Exercise therapy for chronic fatigue syndrome
Editorial Group: Cochrane Depression, Anxiety and Neurosis Group
Published Online: 19 JUL 2004
Assessed as up-to-date: 8 MAY 2004
Copyright © 2013 The Cochrane Collaboration. Published by John Wiley & Sons, Ltd.
How to Cite
Edmonds M, McGuire H, Price JR. Exercise therapy for chronic fatigue syndrome. Cochrane Database of Systematic Reviews 2004, Issue 3. Art. No.: CD003200. DOI: 10.1002/14651858.CD003200.pub2.
- Publication Status: Edited (no change to conclusions), comment added to review
- Published Online: 19 JUL 2004
Chronic fatigue syndrome (CFS) is an illness characterised by persistent medically unexplained fatigue. CFS is a serious health-care problem with a prevalence of up to 3%. Treatment strategies for CFS include psychological, physical and pharmacological interventions.
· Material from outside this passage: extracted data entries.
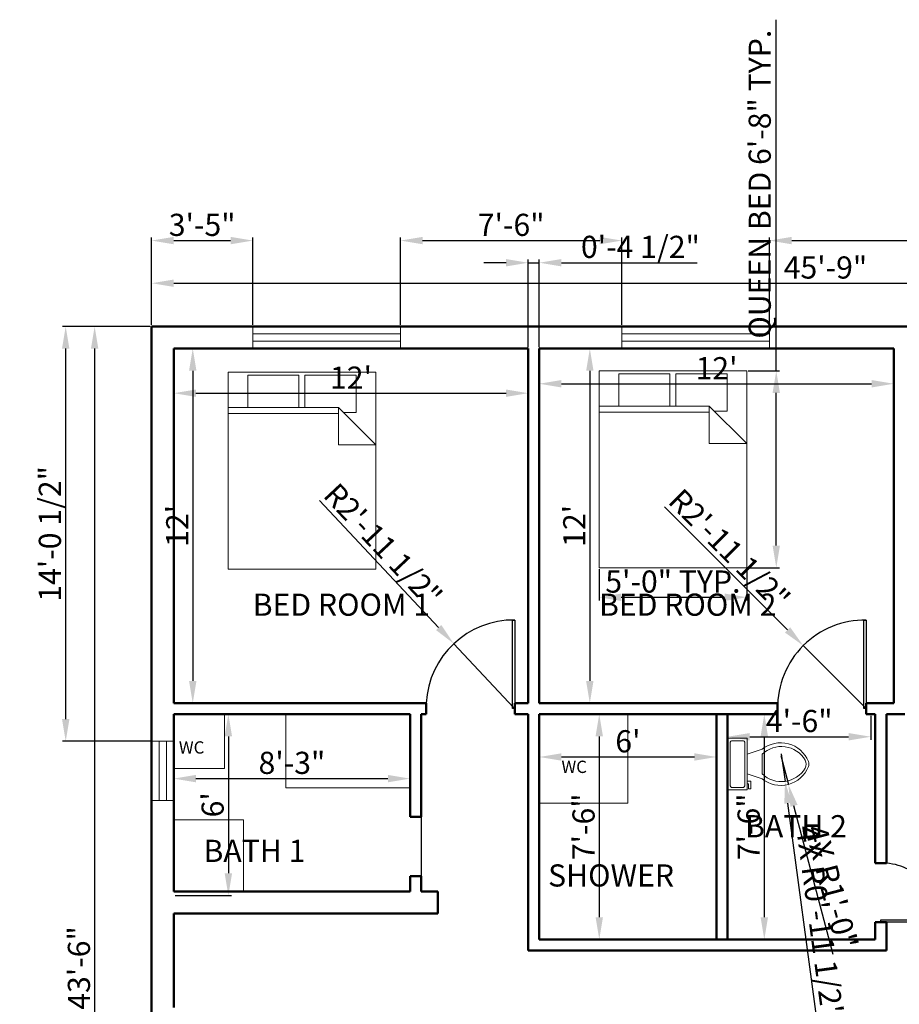
# Model space of a CAD drawing. Units: inches. Extents: x 145135 to 145817, y 90589 to 91373.
# Tile 3 of 4: x 145135 to 145493, y 90973 to 91373. Entities that reach past the tile are written whole.
import ezdxf

# ---------------------------------------------------------------- set-up
doc = ezdxf.new("R2010")
doc.units = ezdxf.units.IN
for name, color, linetype, lineweight in [('A-ANNO-DIMS', 2, 'Continuous', 18), ('A-ANNO-TEXT', 7, 'Continuous', 18), ('A-AREA-IDEN', 7, 'Continuous', 25), ('A-DOOR', 3, 'Continuous', 25), ('A-FLOR-FIXT', 9, 'Continuous', 18), ('A-FURN', 8, 'Continuous', 18), ('A-GLAZ', 4, 'Continuous', 18), ('A-WALL', 7, 'Continuous', 50)]:
    doc.layers.add(name, color=color, linetype=linetype, lineweight=lineweight)
doc.styles.get("Standard").update_dxf_attribs({"font": 'arial.ttf'})
doc.dimstyles.new('ISO-25', dxfattribs={"dimtxt": 9, "dimasz": 9, "dimexe": 1.25, "dimexo": 0.625, "dimtad": 1, "dimdec": 1, "dimrnd": 9, "dimlunit": 3, "dimtxsty": 'Standard', "dimcen": 2.5, "dimadec": 0, "dimazin": 0, "dimtfac": 1, "dimtdec": 1, "dimtmove": 0, "dimatfit": 3, "dimfxl": 1, "dimarcsym": 0})

# ---------------------------------------------------------------- blocks, each defined once
blk = doc.blocks.new('*D1')
at = {"layer": 'A-ANNO-DIMS', "color": 0, "lineweight": -2, "transparency": 16777216}
for p, q in [((145188.93, 91249.14), (145188.93, 91267.35)), ((145197.93, 91266.1), (145727.43, 91266.1)), ((145736.43, 91249.14), (145736.43, 91267.35))]:
    blk.add_line(p, q, dxfattribs=at)
at = {"layer": 'A-ANNO-DIMS', "color": 0, "transparency": 16777216}
for points in [[(145197.93, 91267.6), (145197.93, 91264.6), (145188.93, 91266.1)], [(145727.43, 91267.6), (145727.43, 91264.6), (145736.43, 91266.1)]]:
    blk.add_solid(points, dxfattribs=at)
at = {"layer": 'Defpoints', "color": 0, "transparency": 16777216}
for p in [(145736.43, 91266.1), (145188.93, 91248.52), (145736.43, 91248.52)]:
    blk.add_point(p, dxfattribs=at)
at = {"layer": 'A-ANNO-DIMS', "color": 0, "transparency": 16777216, "insert": (145462.68, 91271.32), "char_height": 9, "attachment_point": 5}
blk.add_mtext('45\'-9"', dxfattribs=at)
blk = doc.blocks.new('*D2')
at = {"layer": 'A-ANNO-DIMS', "color": 0, "lineweight": -2, "transparency": 16777216}
for p, q in [((145188.31, 91248.52), (145164.53, 91248.52)), ((145165.78, 91239.52), (145165.78, 90736.31)), ((145188.31, 90727.31), (145164.53, 90727.31))]:
    blk.add_line(p, q, dxfattribs=at)
at = {"layer": 'A-ANNO-DIMS', "color": 0, "transparency": 16777216}
for points in [[(145164.28, 91239.52), (145167.28, 91239.52), (145165.78, 91248.52)], [(145164.28, 90736.31), (145167.28, 90736.31), (145165.78, 90727.31)]]:
    blk.add_solid(points, dxfattribs=at)
at = {"layer": 'Defpoints', "color": 0, "transparency": 16777216}
for p in [(145188.93, 91248.52), (145165.78, 90727.31), (145188.93, 90727.31)]:
    blk.add_point(p, dxfattribs=at)
at = {"layer": 'A-ANNO-DIMS', "color": 0, "transparency": 16777216, "insert": (145160.56, 90987.92), "char_height": 9, "attachment_point": 5, "rotation": 90}
blk.add_mtext('43\'-6"', dxfattribs=at)
blk = doc.blocks.new('*D3')
at = {"layer": 'A-ANNO-DIMS', "color": 0, "lineweight": -2, "transparency": 16777216}
for p, q in [((145197.93, 91238.89), (145197.93, 91220.17)), ((145341.93, 91238.89), (145341.93, 91220.17)), ((145206.93, 91221.42), (145332.93, 91221.42))]:
    blk.add_line(p, q, dxfattribs=at)
at = {"layer": 'A-ANNO-DIMS', "color": 0, "transparency": 16777216}
for points in [[(145206.93, 91222.92), (145206.93, 91219.92), (145197.93, 91221.42)], [(145332.93, 91222.92), (145332.93, 91219.92), (145341.93, 91221.42)]]:
    blk.add_solid(points, dxfattribs=at)
at = {"layer": 'Defpoints', "color": 0, "transparency": 16777216}
for p in [(145197.93, 91239.52), (145341.93, 91239.52), (145341.93, 91221.42)]:
    blk.add_point(p, dxfattribs=at)
at = {"layer": 'A-ANNO-DIMS', "color": 0, "transparency": 16777216, "insert": (145269.93, 91226.57), "char_height": 9, "attachment_point": 5}
blk.add_mtext("12'", dxfattribs=at)
blk = doc.blocks.new('*D4')
at = {"layer": 'A-ANNO-DIMS', "color": 0, "lineweight": -2, "transparency": 16777216}
for p, q in [((145198.56, 91239.52), (145206.89, 91239.52)), ((145205.64, 91230.52), (145205.64, 91104.52)), ((145198.56, 91095.52), (145206.89, 91095.52))]:
    blk.add_line(p, q, dxfattribs=at)
at = {"layer": 'A-ANNO-DIMS', "color": 0, "transparency": 16777216}
for points in [[(145204.14, 91230.52), (145207.14, 91230.52), (145205.64, 91239.52)], [(145204.14, 91104.52), (145207.14, 91104.52), (145205.64, 91095.52)]]:
    blk.add_solid(points, dxfattribs=at)
at = {"layer": 'Defpoints', "color": 0, "transparency": 16777216}
for p in [(145197.93, 91239.52), (145197.93, 91095.52), (145205.64, 91095.52)]:
    blk.add_point(p, dxfattribs=at)
at = {"layer": 'A-ANNO-DIMS', "color": 0, "transparency": 16777216, "insert": (145200.5, 91167.52), "char_height": 9, "attachment_point": 5, "rotation": 90}
blk.add_mtext("12'", dxfattribs=at)
blk = doc.blocks.new('*D5')
at = {"layer": 'A-ANNO-DIMS', "color": 0, "lineweight": -2, "transparency": 16777216}
for p, q in [((145346.43, 91238.89), (145346.43, 91224.01)), ((145490.43, 91238.89), (145490.43, 91224.01)), ((145355.43, 91225.26), (145481.43, 91225.26))]:
    blk.add_line(p, q, dxfattribs=at)
at = {"layer": 'A-ANNO-DIMS', "color": 0, "transparency": 16777216}
for points in [[(145355.43, 91226.76), (145355.43, 91223.76), (145346.43, 91225.26)], [(145481.43, 91226.76), (145481.43, 91223.76), (145490.43, 91225.26)]]:
    blk.add_solid(points, dxfattribs=at)
at = {"layer": 'Defpoints', "color": 0, "transparency": 16777216}
for p in [(145346.43, 91239.52), (145490.43, 91239.52), (145490.43, 91225.26)]:
    blk.add_point(p, dxfattribs=at)
at = {"layer": 'A-ANNO-DIMS', "color": 0, "transparency": 16777216, "insert": (145418.43, 91230.41), "char_height": 9, "attachment_point": 5}
blk.add_mtext("12'", dxfattribs=at)
blk = doc.blocks.new('*D6')
at = {"layer": 'A-ANNO-DIMS', "color": 0, "lineweight": -2, "transparency": 16777216}
for p, q in [((145347.06, 91239.52), (145368.2, 91239.52)), ((145366.95, 91230.52), (145366.95, 91104.52)), ((145347.06, 91095.52), (145368.2, 91095.52))]:
    blk.add_line(p, q, dxfattribs=at)
at = {"layer": 'A-ANNO-DIMS', "color": 0, "transparency": 16777216}
for points in [[(145365.45, 91230.52), (145368.45, 91230.52), (145366.95, 91239.52)], [(145365.45, 91104.52), (145368.45, 91104.52), (145366.95, 91095.52)]]:
    blk.add_solid(points, dxfattribs=at)
at = {"layer": 'Defpoints', "color": 0, "transparency": 16777216}
for p in [(145346.43, 91239.52), (145346.43, 91095.52), (145366.95, 91095.52)]:
    blk.add_point(p, dxfattribs=at)
at = {"layer": 'A-ANNO-DIMS', "color": 0, "transparency": 16777216, "insert": (145361.8, 91167.52), "char_height": 9, "attachment_point": 5, "rotation": 90}
blk.add_mtext("12'", dxfattribs=at)
blk = doc.blocks.new('*D20')
at = {"layer": 'A-ANNO-DIMS', "color": 0, "lineweight": -2, "transparency": 16777216}
for p, q in [((145198.56, 91091.02), (145221.36, 91091.02)), ((145220.11, 91082.02), (145220.11, 91026.4)), ((145198.56, 91017.4), (145221.36, 91017.4))]:
    blk.add_line(p, q, dxfattribs=at)
at = {"layer": 'A-ANNO-DIMS', "color": 0, "transparency": 16777216}
for points in [[(145218.61, 91082.02), (145221.61, 91082.02), (145220.11, 91091.02)], [(145218.61, 91026.4), (145221.61, 91026.4), (145220.11, 91017.4)]]:
    blk.add_solid(points, dxfattribs=at)
at = {"layer": 'Defpoints', "color": 0, "transparency": 16777216}
for p in [(145197.93, 91091.02), (145197.93, 91017.4), (145220.11, 91017.4)]:
    blk.add_point(p, dxfattribs=at)
at = {"layer": 'A-ANNO-DIMS', "color": 0, "transparency": 16777216, "insert": (145214.89, 91054.21), "char_height": 9, "attachment_point": 5, "rotation": 90}
blk.add_mtext("6'", dxfattribs=at)
blk = doc.blocks.new('*D21')
at = {"layer": 'A-ANNO-DIMS', "color": 0, "lineweight": -2, "transparency": 16777216}
for p, q in [((145197.93, 91090.39), (145197.93, 91063.6)), ((145293.93, 91090.39), (145293.93, 91063.6)), ((145206.93, 91064.85), (145284.93, 91064.85))]:
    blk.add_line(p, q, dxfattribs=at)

To investigate the relative effectiveness of exercise therapy and control treatments for CFS.
CCDANCTR-Studies and CENTRAL were searched using "Chronic Fatigue" and Exercise. The Journal of Chronic Fatigue Syndrome and CFS conferences were handsearched. Experts in the field were contacted. Clinicaltrials.gov and controlled-trials.com were searched.
Only Randomised Controlled Trials (RCT) including participants with a clinical diagnosis of CFS and of any age were included.
Data collection and analysis
The full articles of studies identified were inspected by two reviewers (ME and HMG). Continuous measures of outcome were combined using standardised mean differences. An overall effect size was calculated for each outcome with 95% confidence intervals. One sensitivity analysis was undertaken to test the robustness of the results.
Nine studies were identified for possible inclusion in this review, and five of those studies were included. At 12 weeks, those receiving exercise therapy were less fatigued than the control participants (SMD -0.77, 95% CIs -1.26 to -0.28). Physical functioning was significantly improved with exercise therapy group (SMD -0.64, CIs -0.96 to -0.33) but there were more dropouts with exercise therapy (RR 1.73, CIs 0.92 to 3.24). Depression was non-significantly improved in the exercise therapy group compared to the control group at 12 weeks (WMD -0.58, 95% CIs -2.08 to 0.92).
Participants receiving exercise therapy were less fatigued than those receiving the antidepressant fluoxetine at 12 weeks (WMD -1.24, 95% CIs -5.31 to 2.83). Participants receiving the combination of the two interventions, exercise + fluoxetine, were less fatigued than those receiving exercise therapy alone at 12 weeks, although again the difference did not reach significance (WMD 3.74, 95% CIs -2.16 to 9.64).
When exercise therapy was combined with patient education, those receiving the combination were less fatigued than those receiving exercise therapy alone at 12 weeks (WMD 0.70, 95% CIs -1.48 to 2.88).
There is encouraging evidence that some patients may benefit from exercise therapy and no evidence that exercise therapy may worsen outcomes on average. However the treatment may be less acceptable to patients than other management approaches, such as rest or pacing. Patients with CFS who are similar to those in these trials should be offered exercise therapy, and their progress monitored Further high quality randomised studies are needed.
Plain language summary
Exercise for chronic fatigue syndrome
Based on five included studies, this systematic review cautiously concludes that exercise therapy is a promising treatment for chronic fatigue syndrome. However, studies of higher quality are needed that involve different patient groups and settings, and that measure additional outcomes such as adverse effects, quality of life and cost effectiveness over longer periods of time.